I leghisti coinvolsero prima l’intero gruppo regionale e l’allora Presidente di Aler, facemmo una riflessione insieme per tutto un pomeriggio finché ciascun consigliere convenne che la nostra proposta era di buon senso. Non finì lì perché i leghisti dovettero chiedere al partito l’assenso e la questione giunse sul tavolo di Giorgetti all’epoca Segretario della Lega Lombarda. Ricordo quel giorno come fosse ieri, sapevo che si doveva tenere una riunione in Bellerio ed ero emozionata per l’esito. In realtà a quanto pare fu tutto molto veloce: il braccio destro di Giorgetti, se così si poteva chiamare l’Aldo, spese poche parole “il Segretario nazionale la pensa come l’Assessore e il Presidente del Consiglio regionale”. Punto e a casa.

L’emendamento venne approvato perché la Lega concordò con Forza Italia di presentare il nostro emendamento e farlo approvare. Ovviamente informai il capogruppo PD Porcari di tutto e lo stesso fece Rozza con i verdi e la sinistra radicale.

In poco più di 12 mesi si modificarono le leggi casa in 3 punti precisi.

Ecco forse il caso Lodi non ci sarebbe stato se avessimo ascoltato di più il Presidente Emerito Napolitano e se avessimo lavorato di più sulla memoria storica e sull’orgoglio della politica come potere capace di risolvere problemi e non di crearne, costringendo altri poteri dello Stato ad intervenire per far rispettare la Costituzione.

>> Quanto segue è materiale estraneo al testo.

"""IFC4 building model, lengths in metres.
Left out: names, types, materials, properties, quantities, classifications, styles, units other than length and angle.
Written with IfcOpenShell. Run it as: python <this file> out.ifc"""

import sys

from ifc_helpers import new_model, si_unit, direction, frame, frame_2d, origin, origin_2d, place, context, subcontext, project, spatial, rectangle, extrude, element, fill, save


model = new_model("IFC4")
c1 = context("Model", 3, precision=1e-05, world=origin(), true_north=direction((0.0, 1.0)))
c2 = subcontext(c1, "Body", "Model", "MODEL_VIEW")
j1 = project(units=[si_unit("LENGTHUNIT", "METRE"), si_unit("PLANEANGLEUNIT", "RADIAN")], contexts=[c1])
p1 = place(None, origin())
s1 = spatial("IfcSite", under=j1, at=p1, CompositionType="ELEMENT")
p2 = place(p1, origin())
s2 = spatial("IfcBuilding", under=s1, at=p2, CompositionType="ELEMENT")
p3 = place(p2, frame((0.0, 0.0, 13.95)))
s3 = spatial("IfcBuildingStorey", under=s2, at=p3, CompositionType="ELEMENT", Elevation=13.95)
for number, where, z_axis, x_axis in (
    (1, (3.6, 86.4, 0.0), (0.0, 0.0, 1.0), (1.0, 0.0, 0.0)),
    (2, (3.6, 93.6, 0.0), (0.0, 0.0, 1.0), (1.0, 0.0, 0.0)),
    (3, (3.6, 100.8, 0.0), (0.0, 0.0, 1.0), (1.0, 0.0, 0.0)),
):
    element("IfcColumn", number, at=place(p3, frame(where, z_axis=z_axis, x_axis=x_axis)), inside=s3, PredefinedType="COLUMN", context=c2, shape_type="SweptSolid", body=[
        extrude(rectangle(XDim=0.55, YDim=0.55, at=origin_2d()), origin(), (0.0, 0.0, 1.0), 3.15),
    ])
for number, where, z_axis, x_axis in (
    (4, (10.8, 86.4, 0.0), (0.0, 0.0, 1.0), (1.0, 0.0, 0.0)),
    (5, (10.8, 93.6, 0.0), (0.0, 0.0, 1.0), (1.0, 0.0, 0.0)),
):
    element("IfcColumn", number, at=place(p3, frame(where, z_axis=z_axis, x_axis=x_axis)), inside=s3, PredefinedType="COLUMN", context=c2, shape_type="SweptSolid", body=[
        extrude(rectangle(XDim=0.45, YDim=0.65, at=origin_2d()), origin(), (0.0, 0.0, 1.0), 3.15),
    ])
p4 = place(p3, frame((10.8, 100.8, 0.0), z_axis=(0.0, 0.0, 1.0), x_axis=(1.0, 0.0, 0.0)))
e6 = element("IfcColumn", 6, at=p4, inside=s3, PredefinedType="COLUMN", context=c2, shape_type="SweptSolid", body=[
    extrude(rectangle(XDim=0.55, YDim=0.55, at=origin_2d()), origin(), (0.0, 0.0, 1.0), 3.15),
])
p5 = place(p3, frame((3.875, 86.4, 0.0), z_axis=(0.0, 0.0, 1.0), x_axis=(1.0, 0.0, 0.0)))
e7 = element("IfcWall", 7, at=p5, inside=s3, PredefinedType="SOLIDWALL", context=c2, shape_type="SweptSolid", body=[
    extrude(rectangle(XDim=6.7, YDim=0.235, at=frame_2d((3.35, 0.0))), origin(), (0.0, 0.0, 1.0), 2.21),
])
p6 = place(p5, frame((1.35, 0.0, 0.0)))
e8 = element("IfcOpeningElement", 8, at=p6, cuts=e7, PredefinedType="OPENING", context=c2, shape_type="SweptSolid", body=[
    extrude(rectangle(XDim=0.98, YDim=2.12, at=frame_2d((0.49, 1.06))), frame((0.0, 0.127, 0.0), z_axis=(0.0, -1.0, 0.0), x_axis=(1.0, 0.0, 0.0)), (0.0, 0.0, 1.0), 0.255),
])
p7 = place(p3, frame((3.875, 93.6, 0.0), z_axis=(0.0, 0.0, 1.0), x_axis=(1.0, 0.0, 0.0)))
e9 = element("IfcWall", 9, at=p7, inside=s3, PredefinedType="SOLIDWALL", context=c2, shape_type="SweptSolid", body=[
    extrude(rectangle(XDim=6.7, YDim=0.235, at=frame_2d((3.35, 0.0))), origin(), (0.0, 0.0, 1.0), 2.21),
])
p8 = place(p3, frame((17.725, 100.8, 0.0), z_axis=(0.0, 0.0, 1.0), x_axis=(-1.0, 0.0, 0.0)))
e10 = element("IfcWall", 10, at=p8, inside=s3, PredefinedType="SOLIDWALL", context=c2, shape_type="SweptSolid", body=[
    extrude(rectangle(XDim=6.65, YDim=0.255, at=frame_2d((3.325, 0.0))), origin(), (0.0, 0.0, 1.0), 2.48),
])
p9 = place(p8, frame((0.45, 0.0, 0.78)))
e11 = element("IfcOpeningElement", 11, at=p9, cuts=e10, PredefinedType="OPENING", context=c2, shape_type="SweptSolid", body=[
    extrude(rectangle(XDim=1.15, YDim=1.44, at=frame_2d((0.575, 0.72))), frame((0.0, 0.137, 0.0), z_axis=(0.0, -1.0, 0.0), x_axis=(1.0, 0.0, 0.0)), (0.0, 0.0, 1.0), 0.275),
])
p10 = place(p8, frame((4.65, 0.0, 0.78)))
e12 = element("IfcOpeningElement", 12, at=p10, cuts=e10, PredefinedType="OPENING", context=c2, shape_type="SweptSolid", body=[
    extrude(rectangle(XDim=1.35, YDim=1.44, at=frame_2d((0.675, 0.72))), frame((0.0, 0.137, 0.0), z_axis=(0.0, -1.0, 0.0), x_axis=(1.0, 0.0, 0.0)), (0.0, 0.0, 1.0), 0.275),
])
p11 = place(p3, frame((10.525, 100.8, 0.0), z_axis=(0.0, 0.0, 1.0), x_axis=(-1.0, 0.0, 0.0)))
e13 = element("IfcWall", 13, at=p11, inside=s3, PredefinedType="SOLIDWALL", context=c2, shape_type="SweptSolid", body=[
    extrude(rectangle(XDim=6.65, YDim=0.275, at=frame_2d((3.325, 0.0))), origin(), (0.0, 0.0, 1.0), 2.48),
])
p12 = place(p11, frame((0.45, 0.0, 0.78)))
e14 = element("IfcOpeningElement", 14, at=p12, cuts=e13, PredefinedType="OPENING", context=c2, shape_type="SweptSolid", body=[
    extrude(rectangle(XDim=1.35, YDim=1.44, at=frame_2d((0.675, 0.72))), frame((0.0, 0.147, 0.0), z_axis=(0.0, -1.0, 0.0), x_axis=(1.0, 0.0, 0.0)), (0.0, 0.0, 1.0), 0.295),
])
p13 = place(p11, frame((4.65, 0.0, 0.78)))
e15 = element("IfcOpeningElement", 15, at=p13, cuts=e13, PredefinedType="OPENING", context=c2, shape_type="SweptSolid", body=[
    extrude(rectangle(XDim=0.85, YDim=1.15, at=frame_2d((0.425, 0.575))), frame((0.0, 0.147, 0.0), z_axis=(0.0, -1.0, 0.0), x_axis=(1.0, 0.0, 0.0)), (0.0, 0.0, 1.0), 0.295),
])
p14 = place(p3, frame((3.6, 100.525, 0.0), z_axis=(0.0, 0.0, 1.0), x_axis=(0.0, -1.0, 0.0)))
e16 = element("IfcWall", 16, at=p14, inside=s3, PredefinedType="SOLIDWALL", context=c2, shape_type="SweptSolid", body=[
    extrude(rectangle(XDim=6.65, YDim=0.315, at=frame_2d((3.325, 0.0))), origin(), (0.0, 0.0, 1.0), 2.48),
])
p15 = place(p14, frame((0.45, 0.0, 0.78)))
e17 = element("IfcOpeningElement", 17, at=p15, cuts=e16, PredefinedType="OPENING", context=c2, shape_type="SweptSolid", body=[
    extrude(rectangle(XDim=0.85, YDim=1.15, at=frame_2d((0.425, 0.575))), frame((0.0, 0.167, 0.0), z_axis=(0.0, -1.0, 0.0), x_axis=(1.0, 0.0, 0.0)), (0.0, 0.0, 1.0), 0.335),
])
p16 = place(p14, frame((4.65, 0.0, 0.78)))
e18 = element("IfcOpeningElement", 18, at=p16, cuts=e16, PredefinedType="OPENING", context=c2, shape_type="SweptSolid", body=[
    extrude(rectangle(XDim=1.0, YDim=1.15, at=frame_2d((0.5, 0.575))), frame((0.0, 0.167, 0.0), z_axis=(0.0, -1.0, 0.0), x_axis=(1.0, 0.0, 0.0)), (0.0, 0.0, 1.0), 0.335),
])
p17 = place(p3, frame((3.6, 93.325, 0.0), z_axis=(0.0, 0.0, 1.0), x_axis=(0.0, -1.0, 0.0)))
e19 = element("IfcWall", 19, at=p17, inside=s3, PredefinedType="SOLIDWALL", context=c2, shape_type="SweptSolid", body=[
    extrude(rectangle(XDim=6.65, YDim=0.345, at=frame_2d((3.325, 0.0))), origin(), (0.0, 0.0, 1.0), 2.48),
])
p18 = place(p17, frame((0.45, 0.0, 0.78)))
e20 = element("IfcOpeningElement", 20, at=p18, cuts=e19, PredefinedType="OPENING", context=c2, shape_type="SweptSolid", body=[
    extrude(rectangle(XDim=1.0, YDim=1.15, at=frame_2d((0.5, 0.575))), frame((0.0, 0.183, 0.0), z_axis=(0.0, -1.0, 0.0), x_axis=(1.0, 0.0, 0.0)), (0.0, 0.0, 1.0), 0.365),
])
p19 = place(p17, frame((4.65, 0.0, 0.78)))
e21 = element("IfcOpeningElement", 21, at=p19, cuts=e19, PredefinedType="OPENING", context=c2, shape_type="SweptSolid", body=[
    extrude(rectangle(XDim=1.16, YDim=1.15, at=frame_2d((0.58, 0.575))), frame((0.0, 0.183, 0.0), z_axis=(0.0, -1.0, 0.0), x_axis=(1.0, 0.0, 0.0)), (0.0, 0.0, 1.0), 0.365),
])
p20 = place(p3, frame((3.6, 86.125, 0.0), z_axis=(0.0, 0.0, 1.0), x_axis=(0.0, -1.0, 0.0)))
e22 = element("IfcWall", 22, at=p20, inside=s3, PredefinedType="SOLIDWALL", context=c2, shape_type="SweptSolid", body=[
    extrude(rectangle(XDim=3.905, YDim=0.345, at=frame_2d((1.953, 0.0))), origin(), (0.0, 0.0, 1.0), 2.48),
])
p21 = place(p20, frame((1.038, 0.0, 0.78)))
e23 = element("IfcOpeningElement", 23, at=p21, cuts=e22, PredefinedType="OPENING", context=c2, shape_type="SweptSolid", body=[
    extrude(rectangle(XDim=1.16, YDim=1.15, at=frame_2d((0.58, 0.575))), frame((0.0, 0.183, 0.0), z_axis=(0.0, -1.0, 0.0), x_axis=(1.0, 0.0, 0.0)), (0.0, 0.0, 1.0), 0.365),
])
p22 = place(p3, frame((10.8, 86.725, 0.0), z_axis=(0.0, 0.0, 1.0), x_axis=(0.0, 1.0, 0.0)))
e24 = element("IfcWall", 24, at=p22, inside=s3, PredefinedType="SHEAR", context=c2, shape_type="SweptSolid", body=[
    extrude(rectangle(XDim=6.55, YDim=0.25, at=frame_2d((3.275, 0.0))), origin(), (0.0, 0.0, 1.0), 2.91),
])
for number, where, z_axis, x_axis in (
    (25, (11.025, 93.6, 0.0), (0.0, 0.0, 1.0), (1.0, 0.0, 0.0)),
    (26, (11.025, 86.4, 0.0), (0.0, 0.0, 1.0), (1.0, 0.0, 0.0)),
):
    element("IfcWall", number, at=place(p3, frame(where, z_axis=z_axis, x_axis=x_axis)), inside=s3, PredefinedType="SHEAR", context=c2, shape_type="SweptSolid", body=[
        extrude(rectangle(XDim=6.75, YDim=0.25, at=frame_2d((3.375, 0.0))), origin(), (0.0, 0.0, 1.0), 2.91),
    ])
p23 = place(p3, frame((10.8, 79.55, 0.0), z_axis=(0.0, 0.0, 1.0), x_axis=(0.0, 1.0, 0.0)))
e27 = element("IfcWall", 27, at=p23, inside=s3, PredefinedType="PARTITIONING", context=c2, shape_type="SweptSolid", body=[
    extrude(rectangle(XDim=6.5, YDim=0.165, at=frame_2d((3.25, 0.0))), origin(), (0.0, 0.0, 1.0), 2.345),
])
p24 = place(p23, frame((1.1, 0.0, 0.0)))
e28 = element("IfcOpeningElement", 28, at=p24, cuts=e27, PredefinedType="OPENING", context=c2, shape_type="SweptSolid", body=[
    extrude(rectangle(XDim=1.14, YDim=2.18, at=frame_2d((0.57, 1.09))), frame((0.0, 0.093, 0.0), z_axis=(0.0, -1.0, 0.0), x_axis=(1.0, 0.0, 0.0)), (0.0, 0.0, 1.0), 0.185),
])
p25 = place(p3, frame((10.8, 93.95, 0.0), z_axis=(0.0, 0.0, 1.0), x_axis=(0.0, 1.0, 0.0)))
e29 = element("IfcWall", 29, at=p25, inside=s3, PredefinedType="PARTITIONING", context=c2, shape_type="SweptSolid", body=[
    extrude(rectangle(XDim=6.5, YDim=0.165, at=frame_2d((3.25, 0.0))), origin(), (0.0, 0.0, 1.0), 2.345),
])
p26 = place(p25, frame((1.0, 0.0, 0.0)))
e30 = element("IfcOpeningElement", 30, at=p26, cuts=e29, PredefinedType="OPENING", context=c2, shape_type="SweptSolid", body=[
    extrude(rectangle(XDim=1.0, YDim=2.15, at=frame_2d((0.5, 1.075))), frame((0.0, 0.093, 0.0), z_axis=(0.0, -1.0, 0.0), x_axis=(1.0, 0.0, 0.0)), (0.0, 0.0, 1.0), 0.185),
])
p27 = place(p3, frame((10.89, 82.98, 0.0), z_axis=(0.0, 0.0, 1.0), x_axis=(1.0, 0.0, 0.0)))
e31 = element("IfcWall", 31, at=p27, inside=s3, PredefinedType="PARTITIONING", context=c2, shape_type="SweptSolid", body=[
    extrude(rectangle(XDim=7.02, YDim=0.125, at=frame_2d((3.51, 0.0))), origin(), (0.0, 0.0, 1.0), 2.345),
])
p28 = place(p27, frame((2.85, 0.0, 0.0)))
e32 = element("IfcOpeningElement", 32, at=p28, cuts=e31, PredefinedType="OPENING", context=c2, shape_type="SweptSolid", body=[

E’ finita qui? No, non è finita qui. Da capo di Gabinetto dell’Assessore alla sicurezza del Comune di Milano avviammo proprio sul tema delle leggi del nostro Paese un’intensa attività con i consolati che portò il Sindaco Sala a sottoscrivere, con l’assenso del dipartimento esteri della Presidenza del Consiglio e del Ministero degli Interni, un accordo volto a promuovere nei Paesi di origine la diffusione e la conoscenza delle leggi italiane; da lì sarebbe dovuto poi discendere un ulteriore terreno di confronto con la Farnesina, poiché nelle direzioni territoriali del Ministero sono previsti funzionari delle Regioni ma non dei Comuni. E banalmente se registriamo, come è, un significativo afflusso di investimenti privati diretti sull’Africa (persino il Capo del governo Austriaco ha elogiato imprese come la Siemens che operano in tal senso), è del tutto evidente che il ruolo dello Stato italiano, e dei Comuni, nella modernizzazione della Pubblica Amministrazione dei Paesi africani può essere importante. Pubblica Amministrazione significa catasto, anagrafe, archiviazione dei certificati, trasmissione degli stessi tramite posta elettronica certificata etc. 

Certo è un processo lungo, ma riuscì nei Balcani al tempo di D’Alema. Forse può rappresentare nel tempo un'ulteriore rafforzamento del ruolo di dialogo nelle relazioni internazionali del nostro Paese oltre che un elemento di supporto alle imprese e alle ONG che in Africa operano.

Auguri alla politica perchè nel 2019 abbandoni la strada dello scontro ideologico e si riappropri in pieno del ruolo che le spetta: risolvere i problemi all'atto pratico.